Clinical Genetics Group, MRC Weatherall Institute of Molecular Medicine, University of Oxford, Oxford OX3 9DS, UK.
Genomics England Limited, One Canada Square, London E14 5AB, UK.
Genes (Basel). 2024 Jul 16;15(7):925. doi: 10.3390/genes15070925.

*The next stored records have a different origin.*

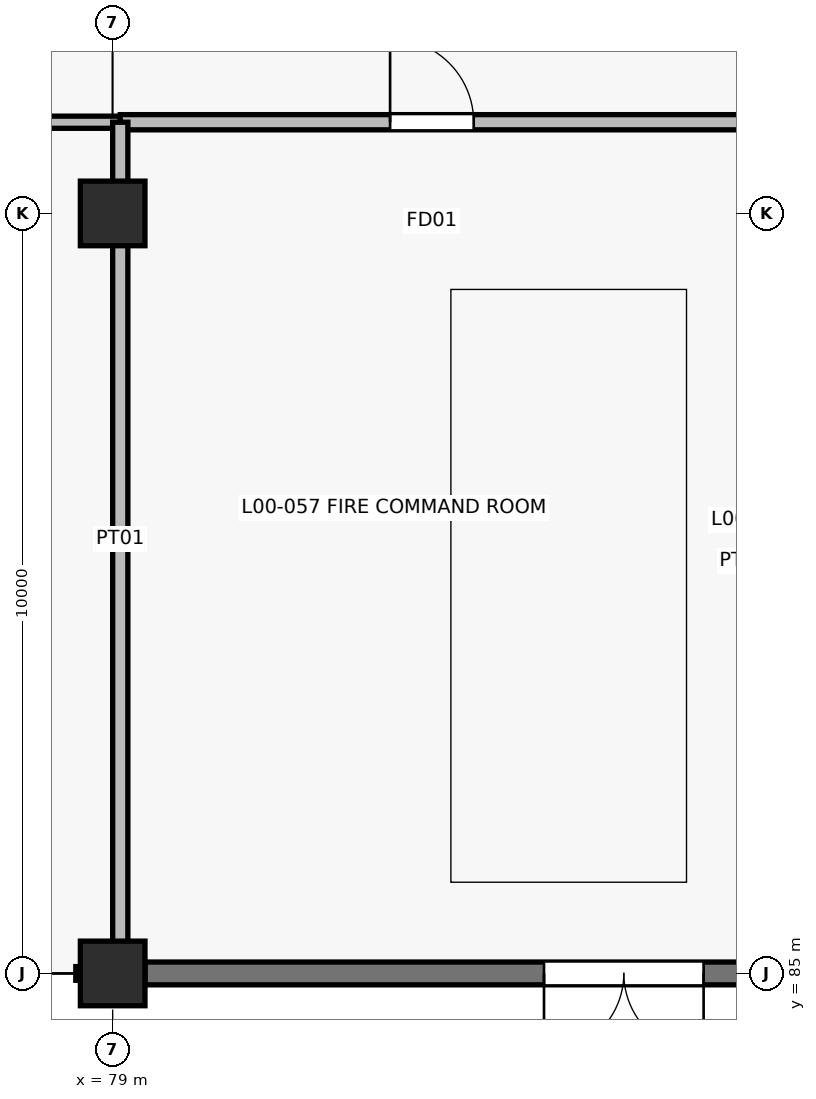
"""IFC4 building model, lengths in metres.
Left out: names, types, materials, properties, quantities, classifications, styles, units other than length and angle.
Written with IfcOpenShell. Run it as: python <this file> out.ifc"""

import sys

from ifc_helpers import new_model, si_unit, direction, frame, frame_2d, origin, origin_2d, place, context, subcontext, project, spatial, rectangle, extrude, element, fill, save


model = new_model("IFC4")
c1 = context("Model", 3, precision=1e-05, world=origin(), true_north=direction((0.0, 1.0)))
c2 = subcontext(c1, "Body", "Model", "MODEL_VIEW")
j1 = project(units=[si_unit("LENGTHUNIT", "METRE"), si_unit("PLANEANGLEUNIT", "RADIAN")], contexts=[c1])
p1 = place(None, origin())
s1 = spatial("IfcSite", under=j1, at=p1, CompositionType="ELEMENT")
p2 = place(p1, origin())
s2 = spatial("IfcBuilding", under=s1, at=p2, CompositionType="ELEMENT")
p3 = place(p2, origin())
s3 = spatial("IfcBuildingStorey", under=s2, at=p3, CompositionType="ELEMENT", Elevation=0.0)
for number, where, z_axis, x_axis in (
    (1, (79.0, 85.0, 0.0), (0.0, 0.0, 1.0), (1.0, 0.0, 0.0)),
    (2, (79.0, 95.0, 0.0), (0.0, 0.0, 1.0), (1.0, 0.0, 0.0)),
):
    element("IfcColumn", number, at=place(p3, frame(where, z_axis=z_axis, x_axis=x_axis)), inside=s3, PredefinedType="COLUMN", context=c2, shape_type="SweptSolid", body=[
        extrude(rectangle(XDim=0.85, YDim=0.85, at=origin_2d()), origin(), (0.0, 0.0, 1.0), 4.8),
    ])
p4 = place(p3, frame((90.575, 85.0, 0.0), z_axis=(0.0, 0.0, 1.0), x_axis=(-1.0, 0.0, 0.0)))
e3 = element("IfcWall", 3, at=p4, inside=s3, PredefinedType="SOLIDWALL", context=c2, shape_type="SweptSolid", body=[
    extrude(rectangle(XDim=11.15, YDim=0.3, at=frame_2d((5.575, 0.0))), origin(), (0.0, 0.0, 1.0), 4.8),
])
p5 = place(p4, frame((3.8, 0.0, 0.0)))
e4 = element("IfcOpeningElement", 4, at=p5, cuts=e3, PredefinedType="OPENING", context=c2, shape_type="SweptSolid", body=[
    extrude(rectangle(XDim=2.1, YDim=2.35, at=frame_2d((1.05, 1.175))), frame((0.0, 0.16, 0.0), z_axis=(0.0, -1.0, 0.0), x_axis=(1.0, 0.0, 0.0)), (0.0, 0.0, 1.0), 0.32),
])
p6 = place(p3, frame((43.18, 96.2, 0.0), z_axis=(0.0, 0.0, 1.0), x_axis=(1.0, 0.0, 0.0)))
e5 = element("IfcWall", 5, at=p6, inside=s3, PredefinedType="PARTITIONING", context=c2, shape_type="SweptSolid", body=[
    extrude(rectangle(XDim=35.92, YDim=0.16, at=frame_2d((17.96, 0.0))), origin(), (0.0, 0.0, 1.0), 3.525),
])
p7 = place(p6, frame((17.385, 0.0, 0.0)))
e6 = element("IfcOpeningElement", 6, at=p7, cuts=e5, PredefinedType="OPENING", context=c2, shape_type="SweptSolid", body=[
    extrude(rectangle(XDim=1.15, YDim=2.15, at=frame_2d((0.575, 1.075))), frame((0.0, 0.09, 0.0), z_axis=(0.0, -1.0, 0.0), x_axis=(1.0, 0.0, 0.0)), (0.0, 0.0, 1.0), 0.18),
])
p8 = place(p3, frame((79.1, 96.2, 0.0), z_axis=(0.0, 0.0, 1.0), x_axis=(1.0, 0.0, 0.0)))
e7 = element("IfcWall", 7, at=p8, inside=s3, PredefinedType="PARTITIONING", context=c2, shape_type="SweptSolid", body=[
    extrude(rectangle(XDim=8.2, YDim=0.2, at=frame_2d((4.1, 0.0))), origin(), (0.0, 0.0, 1.0), 3.525),
])
p9 = place(p8, frame((3.55, 0.0, 0.0)))
e8 = element("IfcOpeningElement", 8, at=p9, cuts=e7, PredefinedType="OPENING", context=c2, shape_type="SweptSolid", body=[
    extrude(rectangle(XDim=1.1, YDim=2.15, at=frame_2d((0.55, 1.075))), frame((0.0, 0.11, 0.0), z_axis=(0.0, -1.0, 0.0), x_axis=(1.0, 0.0, 0.0)), (0.0, 0.0, 1.0), 0.22),
])
p10 = place(p3, frame((79.1, 85.22, 0.0), z_axis=(0.0, 0.0, 1.0), x_axis=(0.0, 1.0, 0.0)))
e9 = element("IfcWall", 9, at=p10, inside=s3, PredefinedType="PARTITIONING", context=c2, shape_type="SweptSolid", body=[
    extrude(rectangle(XDim=10.98, YDim=0.2, at=frame_2d((5.49, 0.0))), origin(), (0.0, 0.0, 1.0), 3.525),
])
p11 = place(p5, origin())
e10 = element("IfcDoor", 10, at=p11, inside=s3, OperationType="DOUBLE_DOOR_SINGLE_SWING", PredefinedType="DOOR", context=c2, shape_type="SweptSolid", body=[
    extrude(rectangle(XDim=2.1, YDim=2.35, at=frame_2d((1.05, 1.175))), frame((0.0, 0.025, 0.0), z_axis=(0.0, -1.0, 0.0), x_axis=(1.0, 0.0, 0.0)), (0.0, 0.0, 1.0), 0.05),
])
fill(e4, e10)
p12 = place(p9, origin())
e11 = element("IfcDoor", 11, at=p12, inside=s3, OperationType="SINGLE_SWING_LEFT", PredefinedType="DOOR", context=c2, shape_type="SweptSolid", body=[
    extrude(rectangle(XDim=1.1, YDim=2.15, at=frame_2d((0.55, 1.075))), frame((0.0, 0.025, 0.0), z_axis=(0.0, -1.0, 0.0), x_axis=(1.0, 0.0, 0.0)), (0.0, 0.0, 1.0), 0.05),
])
fill(e8, e11)
save(model, sys.argv[1])
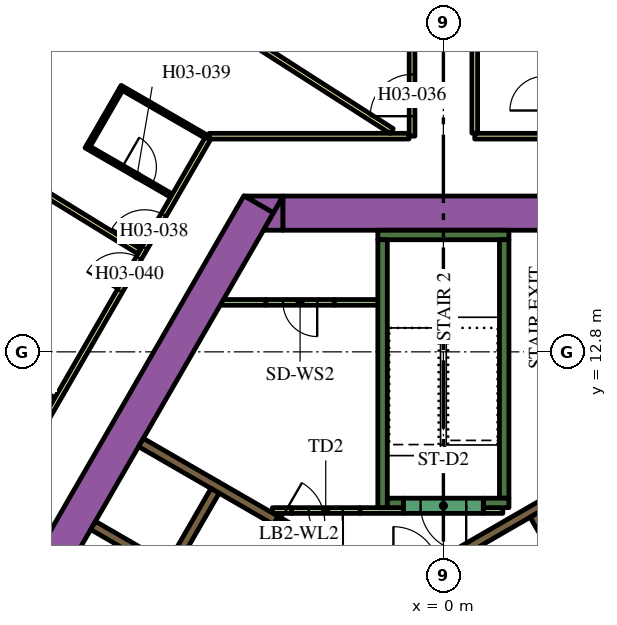
"""IFC4 building model, lengths in metres.
Left out: names, types, materials, properties, quantities, classifications, styles, units other than length and angle.
Written with IfcOpenShell. Run it as: python <this file> out.ifc"""

import sys

from ifc_helpers import new_model, si_unit, direction, frame, frame_2d, origin, place, context, subcontext, project, spatial, polyline, rectangle, outline, extrude, element, fill, save


model = new_model("IFC4")
c1 = context("Model", 3, precision=1e-05, world=origin(), true_north=direction((0.0, 1.0)))
c2 = subcontext(c1, "Body", "Model", "MODEL_VIEW")
j1 = project(units=[si_unit("LENGTHUNIT", "METRE"), si_unit("PLANEANGLEUNIT", "RADIAN")], contexts=[c1])
p1 = place(None, origin())
s1 = spatial("IfcSite", under=j1, at=p1, CompositionType="ELEMENT")
p2 = place(p1, origin())
s2 = spatial("IfcBuilding", under=s1, at=p2, CompositionType="ELEMENT")
p3 = place(p2, frame((0.0, 0.0, 58.8)))
s3 = spatial("IfcBuildingStorey", under=s2, at=p3, CompositionType="ELEMENT", Elevation=58.8)
p4 = place(p3, frame((-14.268, 0.387, 0.0), z_axis=(0.0, 0.0, 1.0), x_axis=(0.499994617707, 0.866028511231, 0.0)))
e1 = element("IfcWall", 1, at=p4, inside=s3, PredefinedType="SOLIDWALL", context=c2, shape_type="SweptSolid", body=[
    extrude(rectangle(XDim=18.817, YDim=0.9, at=frame_2d((9.409, 0.0))), origin(), (0.0, 0.0, 1.0), 3.9),
])
p5 = place(p3, origin())
e2 = element("IfcWall", 2, at=p5, inside=s3, PredefinedType="SOLIDWALL", context=c2, shape_type="SweptSolid", body=[
    extrude(outline(polyline([(-4.215, 16.9), (-4.469, 16.46), (-5.231, 16.9), (-4.215, 16.9)])), origin(), (0.0, 0.0, 1.0), 3.9),
])
p6 = place(p3, frame((-4.224, 16.45, 0.0), z_axis=(0.0, 0.0, 1.0), x_axis=(1.0, 0.0, 0.0)))
e3 = element("IfcWall", 3, at=p6, inside=s3, PredefinedType="SOLIDWALL", context=c2, shape_type="SweptSolid", body=[
    extrude(rectangle(XDim=9.488, YDim=0.9, at=frame_2d((4.744, 0.0))), origin(), (0.0, 0.0, 1.0), 3.9),
])
e4 = element("IfcWall", 4, at=p5, inside=s3, PredefinedType="SOLIDWALL", context=c2, shape_type="SweptSolid", body=[
    extrude(outline(polyline([(-4.734, 16.0), (-4.226, 16.88), (-4.226, 16.0), (-4.734, 16.0)])), origin(), (0.0, 0.0, 1.0), 3.9),
])
p7 = place(p3, frame((-1.725, 15.875, 0.0), z_axis=(0.0, 0.0, 1.0), x_axis=(1.0, 0.0, 0.0)))
e5 = element("IfcWall", 5, at=p7, inside=s3, PredefinedType="SOLIDWALL", context=c2, shape_type="SweptSolid", body=[
    extrude(rectangle(XDim=3.45, YDim=0.25, at=frame_2d((1.725, 0.0))), origin(), (0.0, 0.0, 1.0), 3.9),
])
p8 = place(p3, frame((1.6, 8.95, 0.0), z_axis=(0.0, 0.0, 1.0), x_axis=(0.0, 1.0, 0.0)))
e6 = element("IfcWall", 6, at=p8, inside=s3, PredefinedType="SOLIDWALL", context=c2, shape_type="SweptSolid", body=[
    extrude(rectangle(XDim=6.8, YDim=0.25, at=frame_2d((3.4, 0.0))), origin(), (0.0, 0.0, 1.0), 3.9),
])
p9 = place(p3, frame((1.05, 8.825, 0.0), z_axis=(0.0, 0.0, 1.0), x_axis=(1.0, 0.0, 0.0)))
e7 = element("IfcWall", 7, at=p9, inside=s3, PredefinedType="SOLIDWALL", context=c2, shape_type="SweptSolid", body=[
    extrude(rectangle(XDim=0.675, YDim=0.25, at=frame_2d((0.337, 0.0))), origin(), (0.0, 0.0, 1.0), 3.9),
])
p10 = place(p3, frame((-1.6, 8.7, 0.0), z_axis=(0.0, 0.0, 1.0), x_axis=(0.0, 1.0, 0.0)))
e8 = element("IfcWall", 8, at=p10, inside=s3, PredefinedType="SOLIDWALL", context=c2, shape_type="SweptSolid", body=[
    extrude(rectangle(XDim=7.05, YDim=0.25, at=frame_2d((3.525, 0.0))), origin(), (0.0, 0.0, 1.0), 3.9),
])
p11 = place(p3, frame((-1.475, 8.825, 0.0), z_axis=(0.0, 0.0, 1.0), x_axis=(1.0, 0.0, 0.0)))
e9 = element("IfcWall", 9, at=p11, inside=s3, PredefinedType="SOLIDWALL", context=c2, shape_type="SweptSolid", body=[
    extrude(rectangle(XDim=0.425, YDim=0.25, at=frame_2d((0.212, 0.0))), origin(), (0.0, 0.0, 1.0), 3.9),
])
p12 = place(p3, frame((0.314, 7.456, 0.0), z_axis=(0.0, 0.0, 1.0), x_axis=(0.866013897511, 0.50001992892, 0.0)))
e10 = element("IfcWall", 10, at=p12, inside=s3, PredefinedType="SOLIDWALL", context=c2, shape_type="SweptSolid", body=[
    extrude(rectangle(XDim=3.268, YDim=0.25, at=frame_2d((1.634, 0.0))), origin(), (0.0, 0.0, 1.0), 3.9),
])
e11 = element("IfcWall", 11, at=p5, inside=s3, PredefinedType="SOLIDWALL", context=c2, shape_type="SweptSolid", body=[
    extrude(outline(polyline([(-3.128, 7.481), (-3.259, 7.557), (-3.134, 7.773), (-3.003, 7.698), (-3.128, 7.481)])), origin(), (0.0, 0.0, 1.0), 3.9),
])
p13 = place(p3, frame((-7.314, 7.132, 0.0), z_axis=(0.0, 0.0, 1.0), x_axis=(-0.866008176907, 0.50002983664, 0.0)))
e12 = element("IfcWall", 12, at=p13, inside=s3, PredefinedType="SOLIDWALL", context=c2, shape_type="SweptSolid", body=[
    extrude(rectangle(XDim=2.2, YDim=0.25, at=frame_2d((1.1, 0.0))), origin(), (0.0, 0.0, 1.0), 3.9),
])
p14 = place(p3, frame((-7.959, 10.415, 0.0), z_axis=(0.0, 0.0, 1.0), x_axis=(0.866020958405, -0.500007699544, 0.0)))
e13 = element("IfcWall", 13, at=p14, inside=s3, PredefinedType="SOLIDWALL", context=c2, shape_type="SweptSolid", body=[
    extrude(rectangle(XDim=4.1, YDim=0.25, at=frame_2d((2.05, 0.0))), origin(), (0.0, 0.0, 1.0), 3.9),
])
p15 = place(p3, frame((-3.997, 8.625, 0.0), z_axis=(0.0, 0.0, 1.0), x_axis=(-1.0, 0.0, 0.0)))
e14 = element("IfcWall", 14, at=p15, inside=s3, PredefinedType="PARTITIONING", context=c2, shape_type="SweptSolid", body=[
    extrude(rectangle(XDim=0.502, YDim=0.15, at=frame_2d((0.251, 0.0))), origin(), (0.0, 0.0, 1.0), 2.75),
])
p16 = place(p3, frame((-5.851, 14.102, 0.0), z_axis=(0.0, 0.0, 1.0), x_axis=(1.0, 0.0, 0.0)))
e15 = element("IfcWall", 15, at=p16, inside=s3, PredefinedType="PARTITIONING", context=c2, shape_type="SweptSolid", body=[
    extrude(rectangle(XDim=1.18, YDim=0.15, at=frame_2d((0.59, 0.0))), origin(), (0.0, 0.0, 1.0), 2.75),
])
p17 = place(p3, frame((-2.196, 8.625, 0.0), z_axis=(0.0, 0.0, 1.0), x_axis=(1.0, 0.0, 0.0)))
e16 = element("IfcWall", 16, at=p17, inside=s3, PredefinedType="PARTITIONING", context=c2, shape_type="SweptSolid", body=[
    extrude(rectangle(XDim=1.146, YDim=0.15, at=frame_2d((0.573, 0.0))), origin(), (0.0, 0.0, 1.0), 2.75),
])
p18 = place(p3, frame((1.05, 8.625, 0.0), z_axis=(0.0, 0.0, 1.0), x_axis=(1.0, 0.0, 0.0)))
e17 = element("IfcWall", 17, at=p18, inside=s3, PredefinedType="PARTITIONING", context=c2, shape_type="SweptSolid", body=[
    extrude(rectangle(XDim=0.514, YDim=0.15, at=frame_2d((0.257, 0.0))), origin(), (0.0, 0.0, 1.0), 2.75),
])
p19 = place(p3, frame((-2.871, 14.102, 0.0), z_axis=(0.0, 0.0, 1.0), x_axis=(1.0, 0.0, 0.0)))
e18 = element("IfcWall", 18, at=p19, inside=s3, PredefinedType="PARTITIONING", context=c2, shape_type="SweptSolid", body=[
    extrude(rectangle(XDim=1.196, YDim=0.15, at=frame_2d((0.598, 0.0))), origin(), (0.0, 0.0, 1.0), 2.75),
])
p20 = place(p3, frame((8.565, -2.185, 0.0), z_axis=(0.0, 0.0, 1.0), x_axis=(-0.499997954832, 0.866026584559, 0.0)))
e19 = element("IfcWall", 19, at=p20, inside=s3, PredefinedType="SOLIDWALL", context=c2, shape_type="SweptSolid", body=[
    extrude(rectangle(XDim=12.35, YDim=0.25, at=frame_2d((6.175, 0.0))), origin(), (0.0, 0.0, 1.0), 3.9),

The identification of structural variants (SVs) in genomic data represents an ongoing challenge because of difficulties in reliable SV calling leading to reduced sensitivity and specificity. We prepared high-quality DNA from 9 parent-child trios, who had previously undergone short-read whole-genome sequencing (Illumina platform) as part of the Genomics England 100,000 Genomes Project. We reanalysed the genomes using both Bionano optical genome mapping (OGM; 8 probands and one trio) and Nanopore long-read sequencing (Oxford Nanopore Technologies [ONT] platform; all samples). To establish a "truth" dataset, we asked whether rare proband SV calls ( = 234) made by the Bionano Access (version 1.6.1)/Solve software (version 3.6.1_11162020) could be verified by individual visualisation using the Integrative Genomics Viewer with either or both of the Illumina and ONT raw sequence. Of these, 222 calls were verified, indicating that Bionano OGM calls have high precision (positive predictive value 95%). We then asked what proportion of the 222 true Bionano SVs had been identified by SV callers in the other two datasets. In the Illumina dataset, sensitivity varied according to variant type, being high for deletions (115/134; 86%) but poor for insertions (13/58; 22%). In the ONT dataset, sensitivity was generally poor using the original Sniffles variant caller (48% overall) but improved substantially with use of Sniffles2 (36/40; 90% and 17/23; 74% for deletions and insertions, respectively). In summary, we show that the precision of OGM is very high. In addition, when applying the Sniffles2 caller, the sensitivity of SV calling using ONT long-read sequence data outperforms Illumina sequencing for most SV types.
从基因组数据中识别结构变异 (SV) 是一个持续存在的挑战,因为可靠的 SV 调用存在困难,导致敏感性和特异性降低。我们从之前参加过英国基因组学 10 万基因组计划的 9 个亲子三胞胎中提取了高质量的 DNA,这些亲子三胞胎曾接受过短读长全基因组测序(Illumina 平台)。我们使用博睿纳米光学基因组图谱(OGM;8 个先证者和 1 个三胞胎)和纳米孔长读测序(Oxford Nanopore Technologies [ONT] 平台;所有样本)重新分析了基因组。为了建立一个“真实”数据集,我们询问了博睿纳米接入(版本 1.6.1)/解决软件(版本 3.6.1_11162020)中罕见的先证者 SV 调用(=234)是否可以通过使用 Integrative Genomics Viewer 进行单独可视化来验证,无论是使用 Illumina 还是 ONT 的原始序列。其中,222 个调用得到了验证,这表明博睿纳米光学基因组图谱的调用具有很高的精度(阳性预测值 95%)。然后,我们询问了其他两个数据集的 SV 调用者识别了这 222 个真实的博睿纳米 SV 的比例。在 Illumina 数据集,根据变异类型,删除的灵敏度很高(115/134;86%),而插入的灵敏度较差(13/58;22%)。在 ONT 数据集,原始 Sniffles 变体调用器的总体灵敏度较差(48%),但使用 Sniffles2 后大大提高(分别为 36/40;90%和 17/23;74%,用于删除和插入)。总之,我们表明 OGM 的精度非常高。此外,当应用 Sniffles2 调用器时,使用 ONT 长读序列数据进行 SV 调用的敏感性优于 Illumina 测序,对于大多数 SV 类型。